St Yosep percaya bahwa Allah mempunyai sebuah rencana keselamatan besar dalam diri Yesus dan dalam diri Maria. Sebagai orang yang patuh dan setia ada Allah, Yosef tanpa secuil pun keraguan menerima realita apa adanya. Alih-alih marah dan berang kepada Maria, Yosef berserah sepenuhnya kepada Allah. Yosef tidak mengatakan satu kalimat pun dalam Injil. Namun kita tahu bahwa seruan: “Terjadilah padaku, Ya Allah menurut kehendak-Mu tidak saja diucapkan Maria tetapi juga dilantangkan oleh Yosep sendiri.” Sikap pasrah dan tawakal Yosef mendapat pahala setimpal. Dia dikuatkan dan dihibur Allah.

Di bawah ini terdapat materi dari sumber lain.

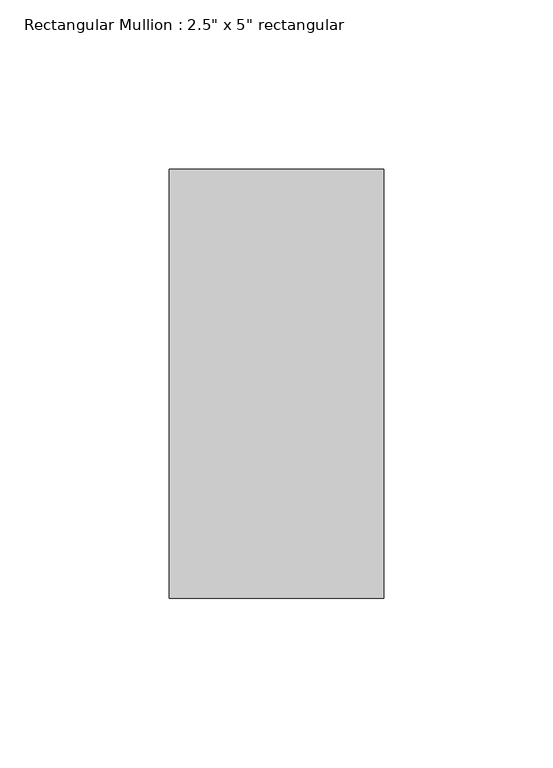
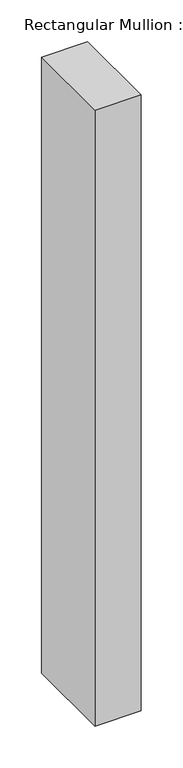
"""IFC4 building model written with IfcOpenShell, lengths in millimetres: member geometry."""

from ifc_helpers import new_model, si_unit, frame, origin, place, context, project, spatial, polyline, outline, extrude, source, transform, mapped, element, save


def member_9cc26bde(model_context):
    return source(origin(), model_context, "Body", "SweptSolid", [
        extrude(outline(polyline([(31.75, 63.5), (31.75, -63.5), (-31.75, -63.5), (-31.75, 63.5), (31.75, 63.5)])), frame((0.0, 0.0, -897.4039078), z_axis=(0.0, 0.0, 1.0), x_axis=(1.0, 0.0, 0.0)), (0.0, 0.0, 1.0), 897.4039078),
    ])


if __name__ == "__main__":
    model = new_model("IFC4")
    model_context = context("Model", 3, world=origin())
    ifc_project = project(units=[si_unit("LENGTHUNIT", "METRE", prefix="MILLI")], contexts=[model_context])
    site = spatial("IfcSite", under=ifc_project)
    building = spatial("IfcBuilding", under=site)
    placement = place(None, origin())
    member_shape = member_9cc26bde(model_context)
    element("IfcMember", 1, ObjectType="Rectangular Mullion : 2.5\" x 5\" rectangular", at=placement, inside=building, context=model_context, shape_type="MappedRepresentation", body=[
        mapped(member_shape, transform((0.0, 0.0, 0.0), x_axis=(1.0, 0.0, 0.0), y_axis=(0.0, 1.0, 0.0), z_axis=(0.0, 0.0, 1.0))),
    ])
    save(model, "model.ifc")

# Revit data of these elements
# Type "Rectangular Mullion : 2.5\" x 5\" rectangular"
#   built-in parameter 1007304 = 0.416667 (stored number, unit not read)
#   built-in parameter 1007301 = 0.104167 (stored number, unit not read)
#   built-in parameter 1007300 = 0.104167 (stored number, unit not read)
# Element 1 (IfcMember, "Rectangular Mullion : 2.5\" x 5\" rectangular")
#   Materials on its faces: "Aluminum"
# Materials
#   "Aluminum": class "Metal", colour RGB 247 247 247, transparency 0, Description = "Aluminum 6061", Cost = 0

Sadar akan kepercayaan menjadi ayah bagi Yesus, Yosef bersedia menerima setiap risiko duniawi.
Apakah kita tetap berkanjang untuk setia pada janji Allah seperti Yosep, terutama ketika kita berhadapan dengan ketidakpastian dan kegamangan? Apakah kita masih menggunakan pertimbangan kemanusiaan yang sehat dan rasa belas kasihan dan simpati ketika berhadapan dengan kerumitan dan persoalan sesama kita? Ataukah kita melarikan diri dan membiarkan orang tertindih beban derita sendirian? Yosep dalam Injil hari ini membuka sebuah perspektif baru bagi kita bahwa kesalehan dan kelurusan hati, simpati dan empati kepada sesama adalah kualitas hidup yang mesti kita perjuangkan sepanjang hidup kita. Kita berdoa kepada Allah agar semangat berkanjang untuk percaya pada penyelenggaraan ilahi tetap menjiwai seluruh kehidupan kita seperti St. Yosef sendiri. Amin.